Budesonide-albuterol lowers exercise-induced bronchoconstriction in patients with asthma

Elaine Soliven
25 Jun 2021
Budesonide-albuterol lowers exercise-induced bronchoconstriction in patients with asthma

Treatment with a fixed-dose combination of budesonide and albuterol (BDA) in a single pressurized metered-dose inhaler (pMDI), also known as PT027, significantly prevents exercise-induced bronchoconstriction (EIB) in adolescents and adults with asthma, according to the TYREE* study presented at ATS 2021.

“EIB is an acute narrowing of the airways that occurs as a result of exercise … and can affect up to 90 percent of patients with a diagnosis of asthma, … and [PT027 or BDA pMDI] is currently in clinical development as [a] rescue therapy,” said lead author Dr Craig LaForce from North Carolina Clinical Research in Raleigh, North Carolina, US.

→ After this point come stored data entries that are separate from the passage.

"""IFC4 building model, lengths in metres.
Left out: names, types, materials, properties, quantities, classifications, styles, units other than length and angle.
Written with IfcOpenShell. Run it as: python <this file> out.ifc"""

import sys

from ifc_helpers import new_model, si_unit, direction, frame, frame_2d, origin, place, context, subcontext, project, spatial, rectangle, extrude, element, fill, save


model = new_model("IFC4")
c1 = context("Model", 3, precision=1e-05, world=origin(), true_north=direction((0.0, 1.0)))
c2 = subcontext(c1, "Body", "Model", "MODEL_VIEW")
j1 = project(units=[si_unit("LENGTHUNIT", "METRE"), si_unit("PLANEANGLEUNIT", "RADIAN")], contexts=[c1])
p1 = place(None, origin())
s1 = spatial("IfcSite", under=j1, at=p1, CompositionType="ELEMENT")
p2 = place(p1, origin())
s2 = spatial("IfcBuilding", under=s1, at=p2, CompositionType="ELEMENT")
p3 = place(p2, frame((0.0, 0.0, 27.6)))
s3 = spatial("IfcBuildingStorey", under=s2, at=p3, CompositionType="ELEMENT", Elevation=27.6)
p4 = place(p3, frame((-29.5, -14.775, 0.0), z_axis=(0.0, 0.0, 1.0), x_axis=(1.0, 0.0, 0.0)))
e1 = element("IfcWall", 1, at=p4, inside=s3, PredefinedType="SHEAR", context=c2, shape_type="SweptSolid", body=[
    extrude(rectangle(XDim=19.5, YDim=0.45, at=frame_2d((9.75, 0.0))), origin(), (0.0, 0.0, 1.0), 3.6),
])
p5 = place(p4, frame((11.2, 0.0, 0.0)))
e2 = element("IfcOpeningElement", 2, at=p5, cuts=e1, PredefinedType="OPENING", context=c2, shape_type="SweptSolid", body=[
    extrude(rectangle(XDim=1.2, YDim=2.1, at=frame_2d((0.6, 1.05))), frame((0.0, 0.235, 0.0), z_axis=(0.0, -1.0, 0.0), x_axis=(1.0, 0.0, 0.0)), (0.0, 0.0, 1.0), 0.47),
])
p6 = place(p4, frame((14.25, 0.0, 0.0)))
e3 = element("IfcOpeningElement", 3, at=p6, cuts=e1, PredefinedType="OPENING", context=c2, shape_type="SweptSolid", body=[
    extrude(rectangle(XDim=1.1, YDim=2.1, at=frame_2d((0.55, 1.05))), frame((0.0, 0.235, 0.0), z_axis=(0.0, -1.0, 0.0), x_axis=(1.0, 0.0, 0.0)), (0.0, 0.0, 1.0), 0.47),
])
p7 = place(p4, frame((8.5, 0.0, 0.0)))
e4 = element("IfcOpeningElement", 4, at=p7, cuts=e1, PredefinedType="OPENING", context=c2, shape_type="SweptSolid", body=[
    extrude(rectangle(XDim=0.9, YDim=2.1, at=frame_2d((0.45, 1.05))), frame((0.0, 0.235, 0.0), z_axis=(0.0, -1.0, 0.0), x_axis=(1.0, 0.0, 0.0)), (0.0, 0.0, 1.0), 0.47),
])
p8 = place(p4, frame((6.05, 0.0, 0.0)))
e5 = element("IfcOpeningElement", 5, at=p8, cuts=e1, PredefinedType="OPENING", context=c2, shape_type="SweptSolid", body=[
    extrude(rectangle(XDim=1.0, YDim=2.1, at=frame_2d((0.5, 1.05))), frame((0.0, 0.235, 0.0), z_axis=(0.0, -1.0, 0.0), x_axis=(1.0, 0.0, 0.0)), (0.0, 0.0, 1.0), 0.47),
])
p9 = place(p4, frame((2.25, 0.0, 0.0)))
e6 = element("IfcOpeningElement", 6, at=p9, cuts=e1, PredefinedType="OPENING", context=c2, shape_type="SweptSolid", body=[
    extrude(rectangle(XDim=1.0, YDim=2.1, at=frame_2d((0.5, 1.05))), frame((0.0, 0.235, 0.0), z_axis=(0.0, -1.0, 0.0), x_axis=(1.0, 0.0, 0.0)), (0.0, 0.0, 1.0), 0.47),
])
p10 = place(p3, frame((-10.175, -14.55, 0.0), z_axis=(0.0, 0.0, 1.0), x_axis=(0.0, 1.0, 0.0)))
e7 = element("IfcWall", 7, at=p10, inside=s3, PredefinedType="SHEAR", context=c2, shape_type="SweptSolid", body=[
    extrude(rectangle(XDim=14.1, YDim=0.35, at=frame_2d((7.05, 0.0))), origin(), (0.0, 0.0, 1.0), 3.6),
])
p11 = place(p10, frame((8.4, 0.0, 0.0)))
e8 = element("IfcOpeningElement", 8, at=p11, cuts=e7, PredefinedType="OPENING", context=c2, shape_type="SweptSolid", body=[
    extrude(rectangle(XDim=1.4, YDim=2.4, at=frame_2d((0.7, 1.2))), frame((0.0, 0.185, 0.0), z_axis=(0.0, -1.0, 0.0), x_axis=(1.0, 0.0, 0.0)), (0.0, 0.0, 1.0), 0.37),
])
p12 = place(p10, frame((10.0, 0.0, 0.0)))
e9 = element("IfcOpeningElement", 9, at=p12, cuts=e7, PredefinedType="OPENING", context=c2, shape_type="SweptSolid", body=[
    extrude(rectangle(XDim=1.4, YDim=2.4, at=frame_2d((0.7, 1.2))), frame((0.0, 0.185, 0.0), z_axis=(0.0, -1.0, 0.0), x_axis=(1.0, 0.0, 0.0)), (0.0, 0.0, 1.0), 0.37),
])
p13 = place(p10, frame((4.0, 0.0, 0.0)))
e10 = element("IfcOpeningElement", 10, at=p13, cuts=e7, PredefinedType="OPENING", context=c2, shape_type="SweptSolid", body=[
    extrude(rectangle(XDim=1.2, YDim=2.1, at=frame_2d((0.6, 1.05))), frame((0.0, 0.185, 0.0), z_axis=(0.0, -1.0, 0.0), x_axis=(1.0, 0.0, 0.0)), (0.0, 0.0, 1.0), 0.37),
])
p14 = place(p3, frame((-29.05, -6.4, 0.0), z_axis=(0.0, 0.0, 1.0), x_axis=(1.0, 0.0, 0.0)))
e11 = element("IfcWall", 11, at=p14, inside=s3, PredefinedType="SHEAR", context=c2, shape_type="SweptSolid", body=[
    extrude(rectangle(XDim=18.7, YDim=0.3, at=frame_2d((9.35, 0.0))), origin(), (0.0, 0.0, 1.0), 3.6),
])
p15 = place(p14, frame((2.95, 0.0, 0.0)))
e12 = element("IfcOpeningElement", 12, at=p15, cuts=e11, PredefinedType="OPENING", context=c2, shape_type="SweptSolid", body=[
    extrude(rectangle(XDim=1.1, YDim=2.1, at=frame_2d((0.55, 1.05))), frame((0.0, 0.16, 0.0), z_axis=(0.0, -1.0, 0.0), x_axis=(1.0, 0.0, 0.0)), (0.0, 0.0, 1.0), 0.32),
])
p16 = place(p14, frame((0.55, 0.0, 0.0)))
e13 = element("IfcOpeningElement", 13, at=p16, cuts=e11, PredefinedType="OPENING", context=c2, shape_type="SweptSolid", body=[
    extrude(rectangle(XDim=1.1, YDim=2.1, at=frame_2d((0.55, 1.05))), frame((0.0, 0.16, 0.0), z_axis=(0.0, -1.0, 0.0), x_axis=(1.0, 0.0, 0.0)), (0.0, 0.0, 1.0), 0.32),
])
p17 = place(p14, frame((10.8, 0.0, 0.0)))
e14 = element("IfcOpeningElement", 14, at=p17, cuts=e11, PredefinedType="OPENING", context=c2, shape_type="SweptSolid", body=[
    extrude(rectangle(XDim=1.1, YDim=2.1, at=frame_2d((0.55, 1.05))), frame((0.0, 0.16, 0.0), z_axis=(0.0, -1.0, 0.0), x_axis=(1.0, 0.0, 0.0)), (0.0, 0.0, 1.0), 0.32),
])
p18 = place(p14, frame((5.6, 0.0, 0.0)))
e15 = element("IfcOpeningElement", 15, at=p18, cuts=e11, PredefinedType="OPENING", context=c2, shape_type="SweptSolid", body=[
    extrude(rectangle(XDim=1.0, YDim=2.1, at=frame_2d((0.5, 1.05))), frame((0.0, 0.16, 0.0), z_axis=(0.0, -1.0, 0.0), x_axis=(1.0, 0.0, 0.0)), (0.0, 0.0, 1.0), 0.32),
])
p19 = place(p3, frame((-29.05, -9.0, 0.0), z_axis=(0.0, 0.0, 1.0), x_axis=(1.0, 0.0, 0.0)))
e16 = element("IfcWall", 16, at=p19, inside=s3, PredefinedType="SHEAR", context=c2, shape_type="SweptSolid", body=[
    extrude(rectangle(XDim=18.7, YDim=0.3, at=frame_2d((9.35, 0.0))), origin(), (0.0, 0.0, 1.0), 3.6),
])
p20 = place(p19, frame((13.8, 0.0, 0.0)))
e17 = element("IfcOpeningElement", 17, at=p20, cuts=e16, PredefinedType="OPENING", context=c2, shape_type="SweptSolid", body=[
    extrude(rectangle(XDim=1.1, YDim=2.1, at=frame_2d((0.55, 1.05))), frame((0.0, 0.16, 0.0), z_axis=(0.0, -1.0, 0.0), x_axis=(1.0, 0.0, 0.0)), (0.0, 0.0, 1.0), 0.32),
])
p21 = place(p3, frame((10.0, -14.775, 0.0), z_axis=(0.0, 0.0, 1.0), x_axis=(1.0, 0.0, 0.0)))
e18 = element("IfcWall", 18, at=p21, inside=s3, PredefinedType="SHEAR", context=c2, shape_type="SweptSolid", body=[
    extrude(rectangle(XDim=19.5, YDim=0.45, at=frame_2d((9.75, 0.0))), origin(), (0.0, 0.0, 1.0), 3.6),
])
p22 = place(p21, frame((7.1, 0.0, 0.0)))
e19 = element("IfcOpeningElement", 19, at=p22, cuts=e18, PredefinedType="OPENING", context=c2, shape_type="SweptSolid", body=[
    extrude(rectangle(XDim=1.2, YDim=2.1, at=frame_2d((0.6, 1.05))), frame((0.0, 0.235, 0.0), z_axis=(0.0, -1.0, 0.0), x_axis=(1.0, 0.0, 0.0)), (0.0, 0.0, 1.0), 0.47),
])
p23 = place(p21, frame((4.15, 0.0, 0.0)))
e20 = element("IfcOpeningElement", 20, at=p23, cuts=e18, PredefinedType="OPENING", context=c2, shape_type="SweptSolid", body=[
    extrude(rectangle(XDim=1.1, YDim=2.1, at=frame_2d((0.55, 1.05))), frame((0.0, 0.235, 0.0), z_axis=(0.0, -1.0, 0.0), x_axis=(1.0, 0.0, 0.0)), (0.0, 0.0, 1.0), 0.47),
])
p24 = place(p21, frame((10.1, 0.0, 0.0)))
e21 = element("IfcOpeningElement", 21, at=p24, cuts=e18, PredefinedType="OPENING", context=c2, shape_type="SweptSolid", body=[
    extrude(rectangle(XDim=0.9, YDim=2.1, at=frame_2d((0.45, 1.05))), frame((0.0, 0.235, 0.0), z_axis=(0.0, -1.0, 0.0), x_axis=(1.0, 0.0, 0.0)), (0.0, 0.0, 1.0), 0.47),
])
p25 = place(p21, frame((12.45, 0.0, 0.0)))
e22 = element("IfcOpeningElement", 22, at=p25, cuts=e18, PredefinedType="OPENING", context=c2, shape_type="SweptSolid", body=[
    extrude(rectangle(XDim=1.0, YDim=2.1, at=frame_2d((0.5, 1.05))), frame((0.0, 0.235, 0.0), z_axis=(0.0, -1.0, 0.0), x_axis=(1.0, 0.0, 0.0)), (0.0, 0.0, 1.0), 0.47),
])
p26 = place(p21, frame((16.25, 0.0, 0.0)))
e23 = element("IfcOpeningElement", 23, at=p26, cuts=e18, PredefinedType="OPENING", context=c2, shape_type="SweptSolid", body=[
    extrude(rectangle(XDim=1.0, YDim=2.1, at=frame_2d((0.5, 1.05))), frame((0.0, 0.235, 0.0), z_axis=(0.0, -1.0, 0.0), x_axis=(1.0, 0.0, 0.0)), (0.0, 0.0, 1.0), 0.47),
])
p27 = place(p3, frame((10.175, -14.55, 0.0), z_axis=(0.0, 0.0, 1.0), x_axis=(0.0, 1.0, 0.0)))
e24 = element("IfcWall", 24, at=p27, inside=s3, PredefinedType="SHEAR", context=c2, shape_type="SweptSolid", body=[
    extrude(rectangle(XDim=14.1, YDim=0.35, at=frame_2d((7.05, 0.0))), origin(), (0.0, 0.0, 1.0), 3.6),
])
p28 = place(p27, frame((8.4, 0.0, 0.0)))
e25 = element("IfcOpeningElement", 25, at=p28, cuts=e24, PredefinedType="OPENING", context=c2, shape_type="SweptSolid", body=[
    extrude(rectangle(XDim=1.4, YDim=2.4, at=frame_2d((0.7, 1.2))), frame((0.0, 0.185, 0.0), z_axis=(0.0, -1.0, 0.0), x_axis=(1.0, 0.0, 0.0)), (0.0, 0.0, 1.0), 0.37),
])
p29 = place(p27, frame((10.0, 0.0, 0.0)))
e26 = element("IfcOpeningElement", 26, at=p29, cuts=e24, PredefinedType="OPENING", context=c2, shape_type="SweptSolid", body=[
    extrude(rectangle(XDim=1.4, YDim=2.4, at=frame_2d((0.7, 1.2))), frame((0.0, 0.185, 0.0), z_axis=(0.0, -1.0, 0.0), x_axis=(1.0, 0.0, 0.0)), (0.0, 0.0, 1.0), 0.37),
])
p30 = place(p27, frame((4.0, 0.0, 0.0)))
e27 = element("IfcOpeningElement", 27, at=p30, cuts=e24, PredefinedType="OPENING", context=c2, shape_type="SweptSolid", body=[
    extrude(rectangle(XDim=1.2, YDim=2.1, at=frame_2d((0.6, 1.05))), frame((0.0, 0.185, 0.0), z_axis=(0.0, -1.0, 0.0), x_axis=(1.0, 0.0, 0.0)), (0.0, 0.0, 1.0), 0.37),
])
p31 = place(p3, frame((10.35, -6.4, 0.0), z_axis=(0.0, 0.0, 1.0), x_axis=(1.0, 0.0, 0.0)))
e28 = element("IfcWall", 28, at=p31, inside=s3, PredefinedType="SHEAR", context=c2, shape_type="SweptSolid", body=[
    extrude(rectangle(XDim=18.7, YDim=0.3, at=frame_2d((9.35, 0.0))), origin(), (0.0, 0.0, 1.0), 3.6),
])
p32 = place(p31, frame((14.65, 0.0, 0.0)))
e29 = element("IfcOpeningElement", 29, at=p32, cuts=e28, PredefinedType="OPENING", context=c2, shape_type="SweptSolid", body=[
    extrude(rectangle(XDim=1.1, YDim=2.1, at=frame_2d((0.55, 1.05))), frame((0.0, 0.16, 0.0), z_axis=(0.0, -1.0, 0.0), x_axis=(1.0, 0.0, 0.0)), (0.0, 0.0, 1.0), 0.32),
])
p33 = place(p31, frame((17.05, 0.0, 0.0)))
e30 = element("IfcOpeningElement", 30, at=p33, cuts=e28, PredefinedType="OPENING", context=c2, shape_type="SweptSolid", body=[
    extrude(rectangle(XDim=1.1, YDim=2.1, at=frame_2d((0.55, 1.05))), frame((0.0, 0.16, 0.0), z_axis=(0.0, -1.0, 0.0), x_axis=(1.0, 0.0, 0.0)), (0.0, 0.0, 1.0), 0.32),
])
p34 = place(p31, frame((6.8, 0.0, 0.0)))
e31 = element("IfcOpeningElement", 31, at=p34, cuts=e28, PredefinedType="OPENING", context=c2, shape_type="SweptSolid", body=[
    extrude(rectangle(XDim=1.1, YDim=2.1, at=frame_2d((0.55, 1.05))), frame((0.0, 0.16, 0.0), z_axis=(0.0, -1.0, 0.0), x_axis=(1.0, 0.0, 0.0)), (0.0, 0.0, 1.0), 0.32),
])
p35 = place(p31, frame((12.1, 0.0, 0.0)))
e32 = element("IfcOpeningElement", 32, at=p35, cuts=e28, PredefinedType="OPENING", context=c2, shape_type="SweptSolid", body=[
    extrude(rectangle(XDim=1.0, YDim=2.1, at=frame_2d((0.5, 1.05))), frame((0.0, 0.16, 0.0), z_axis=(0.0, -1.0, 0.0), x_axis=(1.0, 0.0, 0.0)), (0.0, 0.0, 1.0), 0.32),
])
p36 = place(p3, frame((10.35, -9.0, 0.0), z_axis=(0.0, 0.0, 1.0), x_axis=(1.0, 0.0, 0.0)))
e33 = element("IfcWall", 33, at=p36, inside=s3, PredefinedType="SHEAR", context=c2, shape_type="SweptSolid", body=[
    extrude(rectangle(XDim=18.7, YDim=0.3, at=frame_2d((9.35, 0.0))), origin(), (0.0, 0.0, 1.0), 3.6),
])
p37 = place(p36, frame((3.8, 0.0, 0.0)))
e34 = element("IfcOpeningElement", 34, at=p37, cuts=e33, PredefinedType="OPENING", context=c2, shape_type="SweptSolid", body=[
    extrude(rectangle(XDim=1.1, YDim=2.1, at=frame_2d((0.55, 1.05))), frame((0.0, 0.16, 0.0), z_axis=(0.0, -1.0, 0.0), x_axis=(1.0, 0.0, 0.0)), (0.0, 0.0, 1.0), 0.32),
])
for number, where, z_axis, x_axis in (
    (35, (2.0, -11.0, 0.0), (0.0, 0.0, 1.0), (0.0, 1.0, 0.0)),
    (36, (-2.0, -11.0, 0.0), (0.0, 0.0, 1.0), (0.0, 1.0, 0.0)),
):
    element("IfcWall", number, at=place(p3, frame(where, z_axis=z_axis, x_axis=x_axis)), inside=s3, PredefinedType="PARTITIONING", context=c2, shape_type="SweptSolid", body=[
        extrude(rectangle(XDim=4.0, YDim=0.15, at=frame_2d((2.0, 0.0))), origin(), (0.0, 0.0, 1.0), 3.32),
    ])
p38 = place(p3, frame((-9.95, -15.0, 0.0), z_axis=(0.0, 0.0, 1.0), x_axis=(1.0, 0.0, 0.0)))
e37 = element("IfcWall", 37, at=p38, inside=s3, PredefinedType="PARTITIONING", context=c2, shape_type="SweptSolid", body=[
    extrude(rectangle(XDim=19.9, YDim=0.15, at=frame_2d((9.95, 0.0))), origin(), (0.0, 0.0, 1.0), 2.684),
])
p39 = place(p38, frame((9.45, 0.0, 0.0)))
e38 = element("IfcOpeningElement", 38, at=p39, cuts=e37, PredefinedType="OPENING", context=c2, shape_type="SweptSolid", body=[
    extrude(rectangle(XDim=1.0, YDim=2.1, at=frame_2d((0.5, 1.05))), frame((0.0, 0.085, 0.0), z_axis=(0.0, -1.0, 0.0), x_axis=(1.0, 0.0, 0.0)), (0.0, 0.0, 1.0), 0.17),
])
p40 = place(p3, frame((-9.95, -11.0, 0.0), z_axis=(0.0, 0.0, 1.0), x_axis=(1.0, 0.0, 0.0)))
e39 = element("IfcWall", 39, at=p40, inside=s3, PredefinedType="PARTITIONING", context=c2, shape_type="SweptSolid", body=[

This phase III, double-blind, single-dose, crossover study involved 60 adolescent and adult patients (aged 12–70 years) diagnosed with asthma and EIB. Participants were randomized in a 1:1 ratio to receive BDA pMDI 160/180 µg or placebo pMDI (n=59) as initial treatment at the first visit. They subsequently switched to the other treatment group at the second visit. The primary endpoint of the study was the maximum percentage fall in FEV1** from baseline after 60 minutes of exercise challenge test (ECT). [ATS 2021, abstract A1200]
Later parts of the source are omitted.